# best picture format



## xaqintosh (Jun 2, 2002)

which picture format has the best quality?


----------



## Matrix Agent (Jun 2, 2002)

I'm going to guess TIFF.


----------



## uoba (Jun 2, 2002)

Or a straight Photoshop file!


----------



## xaqintosh (Jun 2, 2002)

Ok, thanks


----------



## Nummi_G4 (Jun 2, 2002)

Yes... TIFF is the best format overall.  And for web... I would go with JPEG or PING.  But some browsers have a problem with ping files.


----------



## BlingBling 3k12 (Jun 2, 2002)

like IE for Windows




There was a website that used PNG files... damn it looked crappy... then they explained... so i felt ****ed off...


----------



## HyperLiteG4 (Jun 3, 2002)

I'd say TIFF is the best too. That's what I use for all my publishing files. It's nice because it lets you keep a very nice image and compress it as well. Other than that, I use the Photoshop format if there are any layers, and the PICT format if I want others to see the image but keep it lossless (uncompressed).
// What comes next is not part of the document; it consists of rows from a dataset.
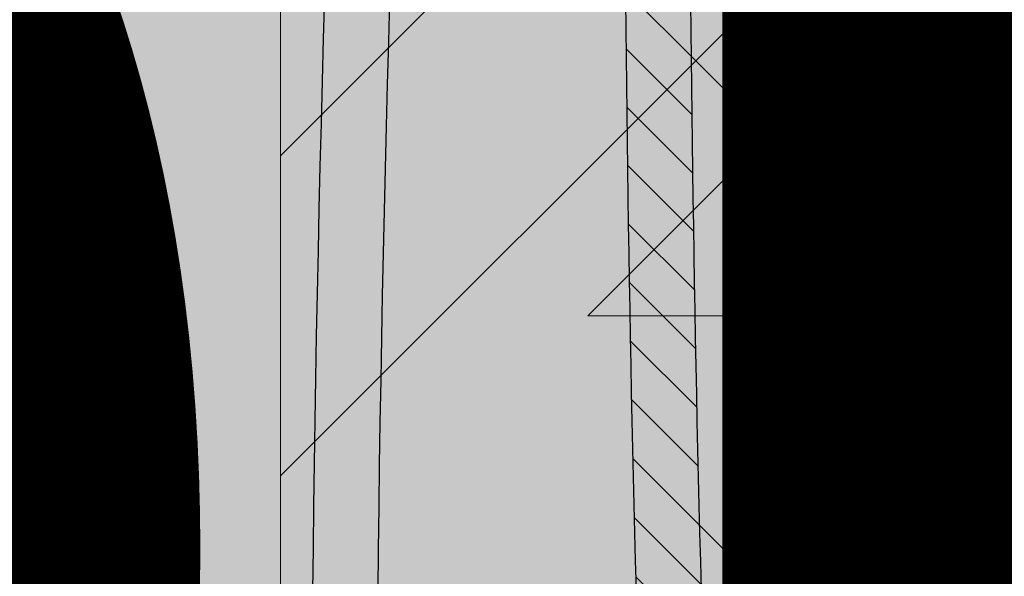
# Model space of a CAD drawing. Units: inches. Extents: x 844 to 2234, y 346 to 1084.
# Tile 76 of 93: x 1998.757 to 2001.166, y 701.365 to 702.727. Entities that reach past the tile are written whole.
import ezdxf

# ---------------------------------------------------------------- set-up
doc = ezdxf.new("R2010")
doc.units = ezdxf.units.IN
doc.header["$MEASUREMENT"] = 0
for name, color, linetype, lineweight in [('A-ANNO-DIMS', 2, 'Continuous', 18), ('furniture', 8, 'Continuous', 18), ('RA-AP-01$0$INT', 35, 'Continuous', 5)]:
    doc.layers.add(name, color=color, linetype=linetype, lineweight=lineweight)
doc.layers.add('RA-AP-01$0$FURN', color=3, linetype='Continuous')
doc.layers.add('RA-AP-01$0$WOOD', color=64, linetype='Continuous')
doc.styles.get("Standard").update_dxf_attribs({"font": 'arial.ttf'})
doc.dimstyles.get("Standard").update_dxf_attribs({"dimtxt": 6, "dimasz": 3, "dimexe": 0.18, "dimexo": 0.0625, "dimgap": 0.09, "dimtad": 0, "dimtih": 1, "dimtoh": 1, "dimdec": 1, "dimzin": 0, "dimdsep": 46, "dimlunit": 3, "dimtxsty": 'Standard', "dimblk": 'ARCHTICK', "dimcen": 0.09, "dimadec": 0, "dimazin": 0, "dimtfac": 1, "dimtdec": 1, "dimtofl": 0, "dimtmove": 0, "dimatfit": 3, "dimfxl": 1, "dimtolj": 1, "dimtzin": 0, "dimarcsym": 0})

# ---------------------------------------------------------------- blocks, each defined once
blk = doc.blocks.new('A$C18D01794')
at = {"layer": 'RA-AP-01$0$INT'}
h = blk.add_hatch(color=256, dxfattribs=at)
h.paths.add_polyline_path([(4.46935, -7.07085), (4.50521, -7.035), (4.50521, -7.10671)])
h.paths.add_polyline_path([(4.45521, -7.085), (4.47692, -7.10671), (4.43349, -7.10671)])
h.paths.add_polyline_path([(4.40521, -7.035), (4.44106, -7.07085), (4.40521, -7.10671)])
h.paths.add_polyline_path([(4.42521, -6.91146), (4.45521, -6.88146), (4.48521, -6.91146), (4.48521, -7.02671), (4.45521, -7.05671), (4.42521, -7.02671)])
h.paths.add_polyline_path([(4.50521, -6.83146), (4.50521, -6.90318), (4.46935, -6.86732)])
h.paths.add_polyline_path([(4.42521, -6.70793), (4.45521, -6.67793), (4.48521, -6.70793), (4.48521, -6.82318), (4.45521, -6.85318), (4.42521, -6.82318)])
h.paths.add_polyline_path([(4.42521, -6.50439), (4.45521, -6.47439), (4.48521, -6.50439), (4.48521, -6.61964), (4.45521, -6.64964), (4.42521, -6.61964)])
h.paths.add_polyline_path([(4.46935, -6.66378), (4.50521, -6.62793), (4.50521, -6.69964)])
h.paths.add_polyline_path([(4.40521, -6.62793), (4.44106, -6.66378), (4.40521, -6.69964)])
h.paths.add_polyline_path([(4.40521, -6.42439), (4.44106, -6.46025), (4.40521, -6.49611)])
h.paths.add_polyline_path([(4.46935, -6.46025), (4.50521, -6.42439), (4.50521, -6.49611)])
h.paths.add_polyline_path([(4.42521, -6.30085), (4.45521, -6.27085), (4.48521, -6.30085), (4.48521, -6.41611), (4.45521, -6.44611), (4.42521, -6.41611)])
h.paths.add_polyline_path([(4.42521, -6.22671), (4.47106, -6.22671), (4.42521, -6.27257)])
h.paths.add_polyline_path([(4.49935, -6.22671), (4.63606, -6.22671), (4.66606, -6.25671), (4.63606, -6.28671), (4.49935, -6.28671), (4.46935, -6.25671)])
h.paths.add_polyline_path([(4.68021, -6.27085), (4.71606, -6.30671), (4.64435, -6.30671)])
h.paths.add_polyline_path([(4.64435, -6.20671), (4.71606, -6.20671), (4.68021, -6.24257)])
h.paths.add_polyline_path([(4.72435, -6.22671), (4.86106, -6.22671), (4.89106, -6.25671), (4.86106, -6.28671), (4.72435, -6.28671), (4.69435, -6.25671)])
h.paths.add_polyline_path([(4.90521, -6.27085), (4.94106, -6.30671), (4.86935, -6.30671)])
h.paths.add_polyline_path([(4.86935, -6.20671), (4.94106, -6.20671), (4.90521, -6.24257)])
h.paths.add_polyline_path([(4.94935, -6.22671), (5.08606, -6.22671), (5.11606, -6.25671), (5.08606, -6.28671), (4.94935, -6.28671), (4.91935, -6.25671)])
h.paths.add_polyline_path([(5.13021, -6.27085), (5.16606, -6.30671), (5.09435, -6.30671)])
h.paths.add_polyline_path([(5.09435, -6.20671), (5.16606, -6.20671), (5.13021, -6.24257)])
h.paths.add_polyline_path([(5.17435, -6.22671), (5.31106, -6.22671), (5.34106, -6.25671), (5.31106, -6.28671), (5.17435, -6.28671), (5.14435, -6.25671)])
h.paths.add_polyline_path([(5.32521, -6.30085), (5.35521, -6.27085), (5.38521, -6.30085), (5.38521, -6.41611), (5.35521, -6.44611), (5.32521, -6.41611)])
h.paths.add_polyline_path([(5.33935, -6.22671), (5.38521, -6.22671), (5.38521, -6.27257)])
h.paths.add_polyline_path([(5.32521, -6.50439), (5.35521, -6.47439), (5.38521, -6.50439), (5.38521, -6.61964), (5.35521, -6.64964), (5.32521, -6.61964)])
h.paths.add_polyline_path([(5.30521, -6.42439), (5.34106, -6.46025), (5.30521, -6.49611)])
h.paths.add_polyline_path([(5.36935, -6.46025), (5.40521, -6.42439), (5.40521, -6.49611)])
h.paths.add_polyline_path([(5.40521, -6.62793), (5.40521, -6.69964), (5.36935, -6.66378)])
h.paths.add_polyline_path([(5.30521, -6.62793), (5.34106, -6.66378), (5.30521, -6.69964)])
h.paths.add_polyline_path([(5.32521, -6.70793), (5.35521, -6.67793), (5.38521, -6.70793), (5.38521, -6.82318), (5.35521, -6.85318), (5.32521, -6.82318)])
h.paths.add_polyline_path([(5.30521, -6.83146), (5.34106, -6.86732), (5.30521, -6.90318)])
h.paths.add_polyline_path([(5.32521, -6.91146), (5.35521, -6.88146), (5.38521, -6.91146), (5.38521, -7.02671), (5.35521, -7.05671), (5.32521, -7.02671)])
h.paths.add_polyline_path([(5.40458, -6.83209, 0.001218), (5.40521, -6.83231), (5.40521, -6.90318), (5.36935, -6.86732)])
h.paths.add_polyline_path([(5.36935, -7.07085), (5.40521, -7.035), (5.40521, -7.10671)])
h.paths.add_polyline_path([(5.35521, -7.085), (5.37692, -7.10671), (5.33349, -7.10671)])
h.paths.add_polyline_path([(5.30521, -7.035), (5.34106, -7.07085), (5.30521, -7.10671)])
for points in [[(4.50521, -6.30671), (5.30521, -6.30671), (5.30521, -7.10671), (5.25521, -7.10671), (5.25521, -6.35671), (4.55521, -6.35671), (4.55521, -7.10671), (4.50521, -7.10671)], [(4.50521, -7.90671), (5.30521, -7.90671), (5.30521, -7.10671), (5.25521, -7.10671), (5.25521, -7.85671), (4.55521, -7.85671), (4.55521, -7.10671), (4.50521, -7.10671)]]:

And for web stuff, I'd say JPEG or GIF, depending on what it's for....

just my $0.02


----------



## chemistry_geek (Jun 3, 2002)

TIFF is a LOSSLESS image format.  This explains why if you scan them in from a scanner, they are HUGE.  TIFF is your best option for archiving old family photos to a CD because none of the image data is lost in TIFF format (unlike JPEG).

I read somewhere in the not too distant past that JPEG images are going to have an additional compression scheme and going to have the extension of *.JP2 (for JPEG 2000), or something like that.


----------